Shares of JB Hi-Fi Limited (ASX: JBH) soared more than 10% after the market opened this morning after the electronics and white goods retailer smashed revenue and earnings expectations for the full-year ended 30 June 2015.
The results
JB Hi-Fi endured a tough start to the year with comparable sales growth declining 0.7% during the first half. However, a strong second quarter allowed it to carry plenty of momentum into the second half which certainly showed in today's results.
Prior to today's earnings presentation, the company had forecast sales of $3.6 billion and net profit after tax (NPAT) of between $127 million and $131 million. Instead, it reported revenue growth of 4.8% to $3.65 billion thanks to same-store-sales growth of 7.4% in the second half (2.9% for the full-year) and a 6.4% lift in NPAT to $136.5 million, beating analysts' forecasts as well.
Earnings per share (EPS) for the period were $1.379 per share, up 7.4% on the prior year, while the dividend also grew 7.1% for the year with the company announcing a final, fully franked dividend of 31 cents per share.
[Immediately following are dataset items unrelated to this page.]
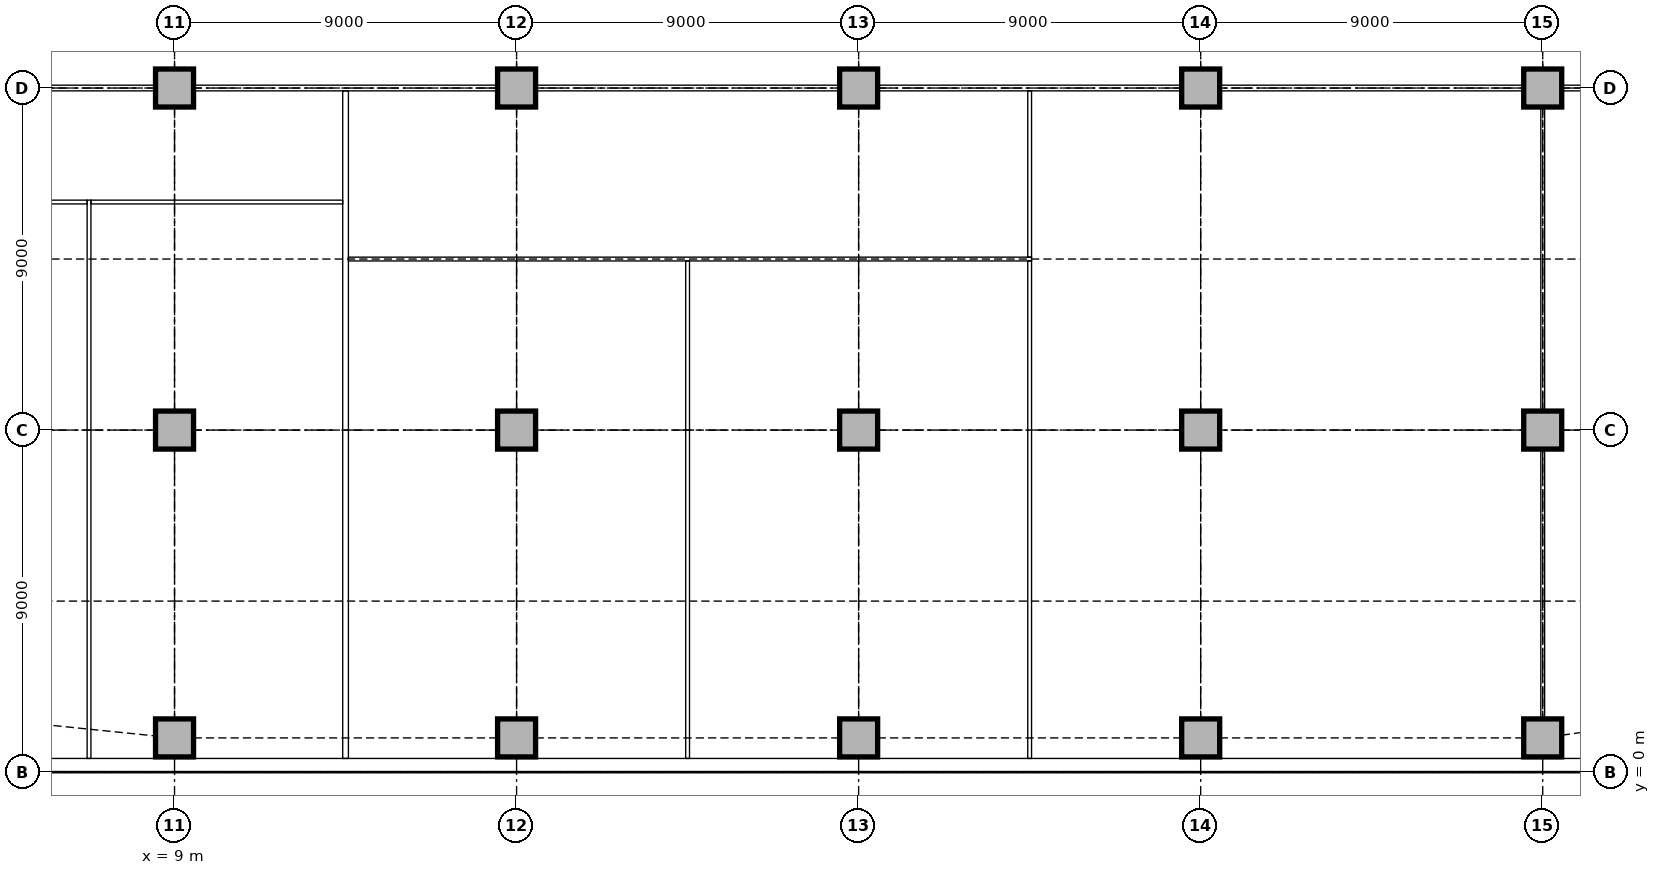
"""IFC4 building model, lengths in metres.
Left out: names, types, materials, properties, quantities, classifications, styles, units other than length and angle.
Written with IfcOpenShell. Run it as: python <this file> out.ifc"""

import sys

from ifc_helpers import new_model, si_unit, direction, frame, frame_2d, origin, origin_2d, place, context, subcontext, project, spatial, rectangle, extrude, element, fill, save


model = new_model("IFC4")
c1 = context("Model", 3, precision=1e-05, world=origin(), true_north=direction((0.0, 1.0)))
c2 = subcontext(c1, "Body", "Model", "MODEL_VIEW")
j1 = project(units=[si_unit("LENGTHUNIT", "METRE"), si_unit("PLANEANGLEUNIT", "RADIAN")], contexts=[c1])
p1 = place(None, origin())
s1 = spatial("IfcSite", under=j1, at=p1, CompositionType="ELEMENT")
p2 = place(p1, origin())
s2 = spatial("IfcBuilding", under=s1, at=p2, CompositionType="ELEMENT")
p3 = place(p2, frame((0.0, 0.0, 26.0)))
s3 = spatial("IfcBuildingStorey", under=s2, at=p3, CompositionType="ELEMENT", Elevation=26.0)
for number, where, z_axis, x_axis in (
    (1, (9.0, 0.9, 0.0), (0.0, 0.0, 1.0), (1.0, 0.0, 0.0)),
    (2, (18.0, 0.9, 0.0), (0.0, 0.0, 1.0), (1.0, 0.0, 0.0)),
    (3, (27.0, 0.9, 0.0), (0.0, 0.0, 1.0), (1.0, 0.0, 0.0)),
    (4, (36.0, 0.9, 0.0), (0.0, 0.0, 1.0), (1.0, 0.0, 0.0)),
    (5, (45.0, 0.9, 0.0), (0.0, 0.0, 1.0), (1.0, 0.0, 0.0)),
    (6, (9.0, 9.0, 0.0), (0.0, 0.0, 1.0), (1.0, 0.0, 0.0)),
    (7, (9.0, 18.0, 0.0), (0.0, 0.0, 1.0), (1.0, 0.0, 0.0)),
    (8, (18.0, 9.0, 0.0), (0.0, 0.0, 1.0), (1.0, 0.0, 0.0)),
    (9, (18.0, 18.0, 0.0), (0.0, 0.0, 1.0), (1.0, 0.0, 0.0)),
    (10, (27.0, 9.0, 0.0), (0.0, 0.0, 1.0), (1.0, 0.0, 0.0)),
    (11, (27.0, 18.0, 0.0), (0.0, 0.0, 1.0), (1.0, 0.0, 0.0)),
    (12, (36.0, 9.0, 0.0), (0.0, 0.0, 1.0), (1.0, 0.0, 0.0)),
    (13, (36.0, 18.0, 0.0), (0.0, 0.0, 1.0), (1.0, 0.0, 0.0)),
    (14, (45.0, 9.0, 0.0), (0.0, 0.0, 1.0), (1.0, 0.0, 0.0)),
    (15, (45.0, 18.0, 0.0), (0.0, 0.0, 1.0), (1.0, 0.0, 0.0)),
):
    element("IfcColumn", number, at=place(p3, frame(where, z_axis=z_axis, x_axis=x_axis)), inside=s3, PredefinedType="COLUMN", context=c2, shape_type="SweptSolid", body=[
        extrude(rectangle(XDim=1.0, YDim=1.0, at=origin_2d()), origin(), (0.0, 0.0, 1.0), 3.85),
    ])
p4 = place(p3, frame((4.243, 0.18, 0.0), z_axis=(0.0, 0.0, 1.0), x_axis=(1.0, 0.0, 0.0)))
e16 = element("IfcWall", 16, at=p4, inside=s3, PredefinedType="STANDARD", context=c2, shape_type="SweptSolid", body=[
    extrude(rectangle(XDim=44.015, YDim=0.36, at=frame_2d((22.007, 0.0))), origin(), (0.0, 0.0, 1.0), 3.85),
])
p5 = place(p4, frame((2.707, 0.0, 0.9)))
e17 = element("IfcOpeningElement", 17, at=p5, cuts=e16, PredefinedType="OPENING", context=c2, shape_type="SweptSolid", body=[
    extrude(rectangle(XDim=3.3, YDim=1.6, at=frame_2d((1.65, 0.8))), frame((0.0, 0.19, 0.0), z_axis=(0.0, -1.0, 0.0), x_axis=(1.0, 0.0, 0.0)), (0.0, 0.0, 1.0), 0.38),
])
p6 = place(p4, frame((7.157, 0.0, 0.0)))
e18 = element("IfcOpeningElement", 18, at=p6, cuts=e16, PredefinedType="OPENING", context=c2, shape_type="SweptSolid", body=[
    extrude(rectangle(XDim=1.8, YDim=2.4, at=frame_2d((0.9, 1.2))), frame((0.0, 0.19, 0.0), z_axis=(0.0, -1.0, 0.0), x_axis=(1.0, 0.0, 0.0)), (0.0, 0.0, 1.0), 0.38),
])
p7 = place(p4, frame((11.357, 0.0, 0.9)))
e19 = element("IfcOpeningElement", 19, at=p7, cuts=e16, PredefinedType="OPENING", context=c2, shape_type="SweptSolid", body=[
    extrude(rectangle(XDim=3.3, YDim=1.6, at=frame_2d((1.65, 0.8))), frame((0.0, 0.19, 0.0), z_axis=(0.0, -1.0, 0.0), x_axis=(1.0, 0.0, 0.0)), (0.0, 0.0, 1.0), 0.38),
])
p8 = place(p4, frame((16.307, 0.0, 0.9)))
e20 = element("IfcOpeningElement", 20, at=p8, cuts=e16, PredefinedType="OPENING", context=c2, shape_type="SweptSolid", body=[
    extrude(rectangle(XDim=1.8, YDim=1.6, at=frame_2d((0.9, 0.8))), frame((0.0, 0.19, 0.0), z_axis=(0.0, -1.0, 0.0), x_axis=(1.0, 0.0, 0.0)), (0.0, 0.0, 1.0), 0.38),
])
p9 = place(p4, frame((20.357, 0.0, 0.9)))
e21 = element("IfcOpeningElement", 21, at=p9, cuts=e16, PredefinedType="OPENING", context=c2, shape_type="SweptSolid", body=[
    extrude(rectangle(XDim=3.3, YDim=1.6, at=frame_2d((1.65, 0.8))), frame((0.0, 0.19, 0.0), z_axis=(0.0, -1.0, 0.0), x_axis=(1.0, 0.0, 0.0)), (0.0, 0.0, 1.0), 0.38),
])
p10 = place(p4, frame((25.307, 0.0, 0.9)))
e22 = element("IfcOpeningElement", 22, at=p10, cuts=e16, PredefinedType="OPENING", context=c2, shape_type="SweptSolid", body=[
    extrude(rectangle(XDim=1.8, YDim=1.6, at=frame_2d((0.9, 0.8))), frame((0.0, 0.19, 0.0), z_axis=(0.0, -1.0, 0.0), x_axis=(1.0, 0.0, 0.0)), (0.0, 0.0, 1.0), 0.38),
])
p11 = place(p4, frame((29.357, 0.0, 0.9)))
e23 = element("IfcOpeningElement", 23, at=p11, cuts=e16, PredefinedType="OPENING", context=c2, shape_type="SweptSolid", body=[
    extrude(rectangle(XDim=3.3, YDim=1.6, at=frame_2d((1.65, 0.8))), frame((0.0, 0.19, 0.0), z_axis=(0.0, -1.0, 0.0), x_axis=(1.0, 0.0, 0.0)), (0.0, 0.0, 1.0), 0.38),
])
p12 = place(p4, frame((33.857, 0.0, 0.9)))
e24 = element("IfcOpeningElement", 24, at=p12, cuts=e16, PredefinedType="OPENING", context=c2, shape_type="SweptSolid", body=[
    extrude(rectangle(XDim=3.3, YDim=1.6, at=frame_2d((1.65, 0.8))), frame((0.0, 0.19, 0.0), z_axis=(0.0, -1.0, 0.0), x_axis=(1.0, 0.0, 0.0)), (0.0, 0.0, 1.0), 0.38),
])
p13 = place(p4, frame((38.357, 0.0, 0.9)))
e25 = element("IfcOpeningElement", 25, at=p13, cuts=e16, PredefinedType="OPENING", context=c2, shape_type="SweptSolid", body=[
    extrude(rectangle(XDim=3.3, YDim=1.6, at=frame_2d((1.65, 0.8))), frame((0.0, 0.19, 0.0), z_axis=(0.0, -1.0, 0.0), x_axis=(1.0, 0.0, 0.0)), (0.0, 0.0, 1.0), 0.38),
])
p14 = place(p3, frame((45.5, 18.0, 0.0), z_axis=(0.0, 0.0, 1.0), x_axis=(1.0, 0.0, 0.0)))
e26 = element("IfcWall", 26, at=p14, inside=s3, PredefinedType="PARTITIONING", context=c2, shape_type="SweptSolid", body=[
    extrude(rectangle(XDim=8.0, YDim=0.15, at=frame_2d((4.0, 0.0))), origin(), (0.0, 0.0, 1.0), 3.15),
])
p15 = place(p3, frame((36.5, 18.0, 0.0), z_axis=(0.0, 0.0, 1.0), x_axis=(1.0, 0.0, 0.0)))
e27 = element("IfcWall", 27, at=p15, inside=s3, PredefinedType="PARTITIONING", context=c2, shape_type="SweptSolid", body=[
    extrude(rectangle(XDim=8.0, YDim=0.15, at=frame_2d((4.0, 0.0))), origin(), (0.0, 0.0, 1.0), 3.15),
])
p16 = place(p15, frame((3.55, 0.0, 0.0)))
e28 = element("IfcOpeningElement", 28, at=p16, cuts=e27, PredefinedType="OPENING", context=c2, shape_type="SweptSolid", body=[
    extrude(rectangle(XDim=0.9, YDim=2.1, at=frame_2d((0.45, 1.05))), frame((0.0, 0.085, 0.0), z_axis=(0.0, -1.0, 0.0), x_axis=(1.0, 0.0, 0.0)), (0.0, 0.0, 1.0), 0.17),
])
p17 = place(p3, frame((27.5, 18.0, 0.0), z_axis=(0.0, 0.0, 1.0), x_axis=(1.0, 0.0, 0.0)))
e29 = element("IfcWall", 29, at=p17, inside=s3, PredefinedType="PARTITIONING", context=c2, shape_type="SweptSolid", body=[
    extrude(rectangle(XDim=8.0, YDim=0.15, at=frame_2d((4.0, 0.0))), origin(), (0.0, 0.0, 1.0), 3.15),
])
p18 = place(p3, frame((18.5, 18.0, 0.0), z_axis=(0.0, 0.0, 1.0), x_axis=(1.0, 0.0, 0.0)))
e30 = element("IfcWall", 30, at=p18, inside=s3, PredefinedType="PARTITIONING", context=c2, shape_type="SweptSolid", body=[
    extrude(rectangle(XDim=8.0, YDim=0.15, at=frame_2d((4.0, 0.0))), origin(), (0.0, 0.0, 1.0), 3.15),
])
p19 = place(p18, frame((3.5, 0.0, 0.0)))
e31 = element("IfcOpeningElement", 31, at=p19, cuts=e30, PredefinedType="OPENING", context=c2, shape_type="SweptSolid", body=[
    extrude(rectangle(XDim=1.0, YDim=2.1, at=frame_2d((0.5, 1.05))), frame((0.0, 0.085, 0.0), z_axis=(0.0, -1.0, 0.0), x_axis=(1.0, 0.0, 0.0)), (0.0, 0.0, 1.0), 0.17),
])
p20 = place(p3, frame((9.5, 18.0, 0.0), z_axis=(0.0, 0.0, 1.0), x_axis=(1.0, 0.0, 0.0)))
e32 = element("IfcWall", 32, at=p20, inside=s3, PredefinedType="PARTITIONING", context=c2, shape_type="SweptSolid", body=[
    extrude(rectangle(XDim=8.0, YDim=0.15, at=frame_2d((4.0, 0.0))), origin(), (0.0, 0.0, 1.0), 3.15),
])
p21 = place(p3, frame((1.4, 18.0, 0.0), z_axis=(0.0, 0.0, 1.0), x_axis=(1.0, 0.0, 0.0)))
e33 = element("IfcWall", 33, at=p21, inside=s3, PredefinedType="PARTITIONING", context=c2, shape_type="SweptSolid", body=[
    extrude(rectangle(XDim=7.1, YDim=0.15, at=frame_2d((3.55, 0.0))), origin(), (0.0, 0.0, 1.0), 3.15),
])
p22 = place(p21, frame((3.05, 0.0, 0.0)))
e34 = element("IfcOpeningElement", 34, at=p22, cuts=e33, PredefinedType="OPENING", context=c2, shape_type="SweptSolid", body=[
    extrude(rectangle(XDim=1.0, YDim=2.1, at=frame_2d((0.5, 1.05))), frame((0.0, 0.085, 0.0), z_axis=(0.0, -1.0, 0.0), x_axis=(1.0, 0.0, 0.0)), (0.0, 0.0, 1.0), 0.17),
])
p23 = place(p3, frame((13.5, 0.36, 0.0), z_axis=(0.0, 0.0, 1.0), x_axis=(0.0, 1.0, 0.0)))
e35 = element("IfcWall", 35, at=p23, inside=s3, PredefinedType="PARTITIONING", context=c2, shape_type="SweptSolid", body=[
    extrude(rectangle(XDim=17.565, YDim=0.15, at=frame_2d((8.783, 0.0))), origin(), (0.0, 0.0, 1.0), 3.85),
])
p24 = place(p3, frame((13.575, 13.5, 0.0), z_axis=(0.0, 0.0, 1.0), x_axis=(1.0, 0.0, 0.0)))
e36 = element("IfcWall", 36, at=p24, inside=s3, PredefinedType="PARTITIONING", context=c2, shape_type="SweptSolid", body=[
    extrude(rectangle(XDim=17.975, YDim=0.1, at=frame_2d((8.988, 0.0))), origin(), (0.0, 0.0, 1.0), 3.35),
])
p25 = place(p24, frame((4.1, 0.0, 0.0)))
e37 = element("IfcOpeningElement", 37, at=p25, cuts=e36, PredefinedType="OPENING", context=c2, shape_type="SweptSolid", body=[
    extrude(rectangle(XDim=0.9, YDim=2.1, at=frame_2d((0.45, 1.05))), frame((0.0, 0.06, 0.0), z_axis=(0.0, -1.0, 0.0), x_axis=(1.0, 0.0, 0.0)), (0.0, 0.0, 1.0), 0.12),
])
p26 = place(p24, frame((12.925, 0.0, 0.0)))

Pleasingly, the group's gross margin (the percent of total sales revenue the company gets to keep after incurring the costs to purchase those goods or services) continued to improve, rising another 16 basis points to 21.86%, as did its earnings before interest and tax (EBIT) margin which suffered a setback during the first half.
What Happened?
JB Hi-Fi has been in the box-seat position to benefit from Australia's booming property market. Not only does it sell products such as televisions and home entertainment packages, it has also rapidly expanded its "HOME" format store, which sells products such as refrigerators, microwaves and washing machines, amongst other white goods.
The strength of JB Hi-Fi's result can largely be attributed to this trend which also bodes well for rivals such as Harvey Norman Holdings Limited (ASX: HVN) and Dick Smith Holdings Ltd (ASX: DSH). Indeed, JB's management is set to open another five 'Home' format stores and convert another 13 existing stores to Home format this year with the group now expecting sales to grow roughly 5.5% to $3.85 billion in the 2016 financial year.
Share buyback
In addition to the strong results, JB Hi-Fi's shareholders were also treated to the announcement of an on-market share buy-back programme, suggesting there is still plenty of value to be found in the company's stock. The group said it intends to buy back up to 776,610 ordinary shares, representing about 0.8% of the shares on issue worth just over $15 million.
It said: "JB Hi-Fi will only buy-back shares at such times and in such circumstances as it considers beneficial to the efficient capital management of the Company and the buy-back is therefore dependent upon market conditions, volumes and other relevant factors."
Despite today's solid lift, JB Hi-Fi could still be a great pick-up for investors looking to gain some exposure to Australia's retail sector while it is at very least worthy of a position on your long-term watchlist.